LLMs sanding off the edges

This post is in the form of several distinct facts, and then a synthesis of vague creeping unease.

A sense of taste may be trained to match style

It used to be the case that you could get some sense of something’s quality by seeing whether it “looked OK”. This was certainly not a perfect way to judge something - indeed, proverbially one must not judge a book by its cover - but the years have granted me what I’ll call a somewhat idiosyncratic “sense of taste”, and my System 1 feels that things are “tasteful” or not.

System 1 isn’t great at thinking about complicated things, so I suspect a lot of what it’s picking up on is style; sometimes literally in the sense of “which words were used”, but sometimes of the form “this design is composed of primitives that feel a bit grating”, and sometimes “there’s a bug or inconsistency here which I think you wouldn’t have written if you truly understood the platonically correct form of the problem”.

LLMs can translate style

LLMs are excellent at translating between styles.

“This is how I’d describe to a friend what I want to say; please convert it to Dangerous Professional.”
“Please select your words and phrasing with artistry, using elegant and precise learnèd language, picking the right words for the job assuming the reader has an excellent vocabulary and will understand any cultural or scientific allusions you make.”
“Condense this fluffy blog into three sentences.”

Sonnet 4.5 hits a specific style

The first LLM I’ve interacted with which really nails the “experienced and competent software engineer” vibe is Sonnet 4.5. I still don’t trust it to write code without supervision - I’ve not been super happy with its output - but it’s the first model which has convincingly and (I think) correctly helped with the architecture of my current side project. It speaks with a strong air of competence, where previous models spoke with the air of someone trying to project competence; it’s actually coming close to a superstimulus for me in that regard (although I have observed it making design errors, so System 2 at least knows I need to keep fact-checking).

GPT-5 is great at spotting bugs

For a while now at work I’ve been using a little PR-review bot that basically feeds stuff into GPT-5. It’s really excellent, and I’ve started using something very similar at home. I might even say GPT-5 is in the top 5% of code reviewers for the specific sub-slice of code review that is “find the localised non-architectural bugs in this code, and proof-read it for typos, omissions, and documentation inconsistencies”.

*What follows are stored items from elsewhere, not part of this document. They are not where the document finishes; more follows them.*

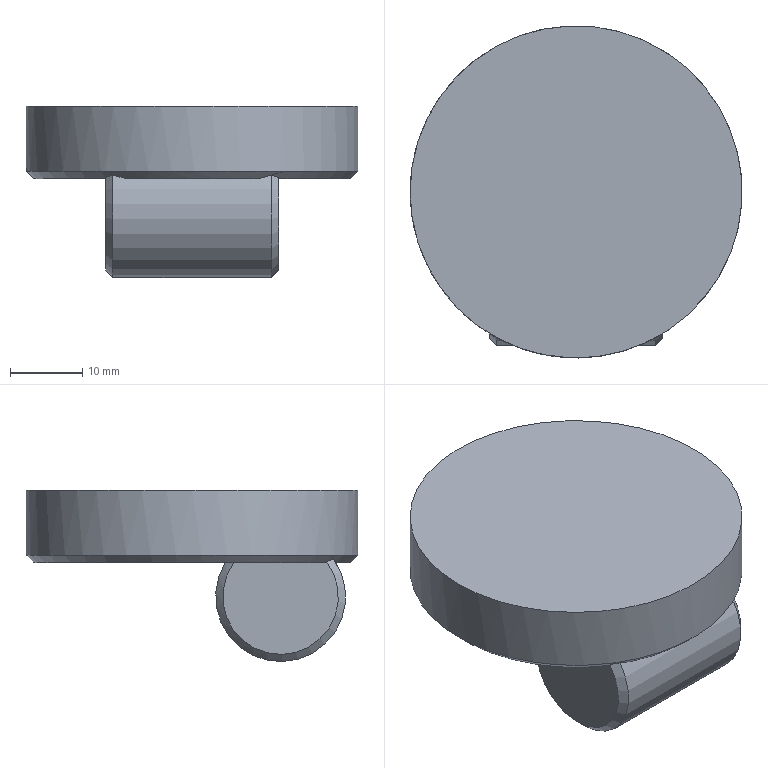Component | NX | FRONT_WHEEL | 1 solid | 11 faces | box 46 x 46 x 23.72 mm | volume 21507 mm3 | plane 5 | cone 4 | cylinder 2 | commonest cylinder face diameters 46 x1 18 x1
STEP:
#1=CARTESIAN_POINT('',(0.,0.,0.));
#2=DIRECTION('',(0.,0.,1.));
#3=DIRECTION('',(1.,0.,0.));
#4=AXIS2_PLACEMENT_3D('',#1,#2,#3);
#5=CARTESIAN_POINT('',(12.615,-161.232,-10.));
#6=VERTEX_POINT('',#5);
#7=CARTESIAN_POINT('',(-12.615,-161.232,-10.));
#8=VERTEX_POINT('',#7);
#9=CARTESIAN_POINT('',(0.,-142.,-10.));
#10=DIRECTION('',(0.,0.,1.));
#11=DIRECTION('',(-1.,0.,0.));
#12=AXIS2_PLACEMENT_3D('',#9,#10,#11);
#13=CIRCLE('',#12,23.);
#14=CARTESIAN_POINT('',(0.,-142.,-11.));
#15=DIRECTION('',(0.,0.,1.));
#16=DIRECTION('',(1.,0.,0.));
#17=AXIS2_PLACEMENT_3D('',#14,#15,#16);
#18=CYLINDRICAL_SURFACE('',#17,23.);
#19=CARTESIAN_POINT('',(3.142,1.));
#20=DIRECTION('',(1.,0.));
#21=VECTOR('',#20,1.);
#22=LINE('',#19,#21);
#23=(GEOMETRIC_REPRESENTATION_CONTEXT(2)PARAMETRIC_REPRESENTATION_CONTEXT()REPRESENTATION_CONTEXT('',''));
#24=DEFINITIONAL_REPRESENTATION('',(#22),#23);
#25=PCURVE('',#18,#24);
#26=CARTESIAN_POINT('',(0.,-142.,-11.));
#27=DIRECTION('',(0.,0.,1.));
#28=DIRECTION('',(1.,0.,0.));
#29=AXIS2_PLACEMENT_3D('',#26,#27,#28);
#30=CONICAL_SURFACE('',#29,22.,0.7854);
#31=CARTESIAN_POINT('',(-3.142,1.));
#32=DIRECTION('',(1.,-0.));
#33=VECTOR('',#32,1.);
#34=LINE('',#31,#33);
#35=(GEOMETRIC_REPRESENTATION_CONTEXT(2)PARAMETRIC_REPRESENTATION_CONTEXT()REPRESENTATION_CONTEXT('',''));
#36=DEFINITIONAL_REPRESENTATION('',(#34),#35);
#37=PCURVE('',#30,#36);
#38=SURFACE_CURVE('',#13,(#25,#37),.PCURVE_S1.);
#39=EDGE_CURVE('',#6,#8,#38,.T.);
#40=ORIENTED_EDGE('',*,*,#39,.T.);
#41=CARTESIAN_POINT('',(-12.545,-161.277,-10.));
#42=VERTEX_POINT('',#41);
#43=CARTESIAN_POINT('',(0.,-142.,-10.));
#44=DIRECTION('',(0.,0.,1.));
#45=DIRECTION('',(-1.,0.,0.));
#46=AXIS2_PLACEMENT_3D('',#43,#44,#45);
#47=CIRCLE('',#46,23.);
#48=CARTESIAN_POINT('',(9.425,1.));
#49=DIRECTION('',(1.,0.));
#50=VECTOR('',#49,1.);
#51=LINE('',#48,#50);
#52=(GEOMETRIC_REPRESENTATION_CONTEXT(2)PARAMETRIC_REPRESENTATION_CONTEXT()REPRESENTATION_CONTEXT('',''));
#53=DEFINITIONAL_REPRESENTATION('',(#51),#52);
#54=PCURVE('',#18,#53);
#55=CARTESIAN_POINT('',(0.,-142.,-11.));
#56=DIRECTION('',(0.,0.,1.));
#57=DIRECTION('',(1.,0.,0.));
#58=AXIS2_PLACEMENT_3D('',#55,#56,#57);
#59=CONICAL_SURFACE('',#58,22.,0.7854);
#60=CARTESIAN_POINT('',(3.142,1.));
#61=DIRECTION('',(1.,-0.));
#62=VECTOR('',#61,1.);
#63=LINE('',#60,#62);
#64=(GEOMETRIC_REPRESENTATION_CONTEXT(2)PARAMETRIC_REPRESENTATION_CONTEXT()REPRESENTATION_CONTEXT('',''));
#65=DEFINITIONAL_REPRESENTATION('',(#63),#64);
#66=PCURVE('',#59,#65);
#67=SURFACE_CURVE('',#47,(#54,#66),.PCURVE_S1.);
#68=EDGE_CURVE('',#8,#42,#67,.T.);
#69=ORIENTED_EDGE('',*,*,#68,.T.);
#70=CARTESIAN_POINT('',(-12.,-161.621,-10.));
#71=VERTEX_POINT('',#70);
#72=CARTESIAN_POINT('',(0.,-142.,-10.));
#73=DIRECTION('',(0.,0.,1.));
#74=DIRECTION('',(-1.,0.,0.));
#75=AXIS2_PLACEMENT_3D('',#72,#73,#74);
#76=CIRCLE('',#75,23.);
#77=CARTESIAN_POINT('',(9.425,1.));
#78=DIRECTION('',(1.,0.));
#79=VECTOR('',#78,1.);
#80=LINE('',#77,#79);
#81=(GEOMETRIC_REPRESENTATION_CONTEXT(2)PARAMETRIC_REPRESENTATION_CONTEXT()REPRESENTATION_CONTEXT('',''));
#82=DEFINITIONAL_REPRESENTATION('',(#80),#81);
#83=PCURVE('',#18,#82);
#84=CARTESIAN_POINT('',(3.142,1.));
#85=DIRECTION('',(1.,-0.));
#86=VECTOR('',#85,1.);
#87=LINE('',#84,#86);
#88=(GEOMETRIC_REPRESENTATION_CONTEXT(2)PARAMETRIC_REPRESENTATION_CONTEXT()REPRESENTATION_CONTEXT('',''));
#89=DEFINITIONAL_REPRESENTATION('',(#87),#88);
#90=PCURVE('',#59,#89);
#91=SURFACE_CURVE('',#76,(#83,#90),.PCURVE_S1.);
#92=EDGE_CURVE('',#42,#71,#91,.T.);
#93=ORIENTED_EDGE('',*,*,#92,.T.);
#94=CARTESIAN_POINT('',(9.702,-162.853,-10.));
#95=VERTEX_POINT('',#94);
#96=CARTESIAN_POINT('',(0.,-142.,-10.));
#97=DIRECTION('',(0.,0.,1.));
#98=DIRECTION('',(-1.,0.,0.));
#99=AXIS2_PLACEMENT_3D('',#96,#97,#98);
#100=CIRCLE('',#99,23.);
#101=CARTESIAN_POINT('',(9.425,1.));
#102=DIRECTION('',(1.,0.));
#103=VECTOR('',#102,1.);
#104=LINE('',#101,#103);
#105=(GEOMETRIC_REPRESENTATION_CONTEXT(2)PARAMETRIC_REPRESENTATION_CONTEXT()REPRESENTATION_CONTEXT('',''));
#106=DEFINITIONAL_REPRESENTATION('',(#104),#105);
#107=PCURVE('',#18,#106);
#108=CARTESIAN_POINT('',(3.142,1.));
#109=DIRECTION('',(1.,0.));
#110=VECTOR('',#109,1.);
#111=LINE('',#108,#110);
#112=(GEOMETRIC_REPRESENTATION_CONTEXT(2)PARAMETRIC_REPRESENTATION_CONTEXT()REPRESENTATION_CONTEXT('',''));
#113=DEFINITIONAL_REPRESENTATION('',(#111),#112);
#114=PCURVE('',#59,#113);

I do not trust GPT-5 to have any design taste (I trust Sonnet 4.5 a little more on that axis).

“The Most Forbidden Technique”

Zvi Mowshowitz uses the term “The Most Forbidden Technique” to refer to the AI alignment strategy of identifying some signal of misalignment, and then training your model to stop displaying that signal, in the hope that this will train away the misalignment. (Naturally the expected effect is actually to train the model to hide the misalignment from you, all while greatly improving your “alignment metrics”; hence the “Most Forbidden” name.)

The ominous synthesis

But I’ve been getting nervous about using GPT-5 as a reviewer in conjunction with using Claude Code to write code. Naively adopting a loop of “Claude writes some code; GPT-5 reviews it; repeat”, you can eventually end up with code that both Claude and GPT-5 are happy with. But I fear that the act of using GPT-5 to “sand away the rough edges”, to catch the obvious bugs, may be effectively resulting in a “style translation”, from “original Claude output” to “code that’s sanitised to remove any bugs GPT-5 can see”. Since GPT-5 doesn’t have good taste, I expect code that has been iteratively mashed into GPT-5’s image to be kind of bad: weird designs that don’t scale to future features, or whatever.

And the act of removing the bugs that were visible to GPT-5 is the act of making the code look more plausible. I think a loop like this is liable to produce code that’s wrong, or badly designed, but that’s palatable to my human taste. Is this loop “Most Forbidden”? Will it produce good code, or is it instead incrementally iterating towards hiding the badness?

The history of computing has showed us again and again that what we think of as “human intelligence” is actually many properties that correlate in humans but are not intrinsically linked. (Solving chess, solving differential equations, writing short stories that win competitions - these all used to be correlated skills, but now we solve them all individually with very different systems.) I am concerned that another set of these properties is becoming apparent where the link is coming adrift: “the code looks plausible” and “the code is correctly designed”.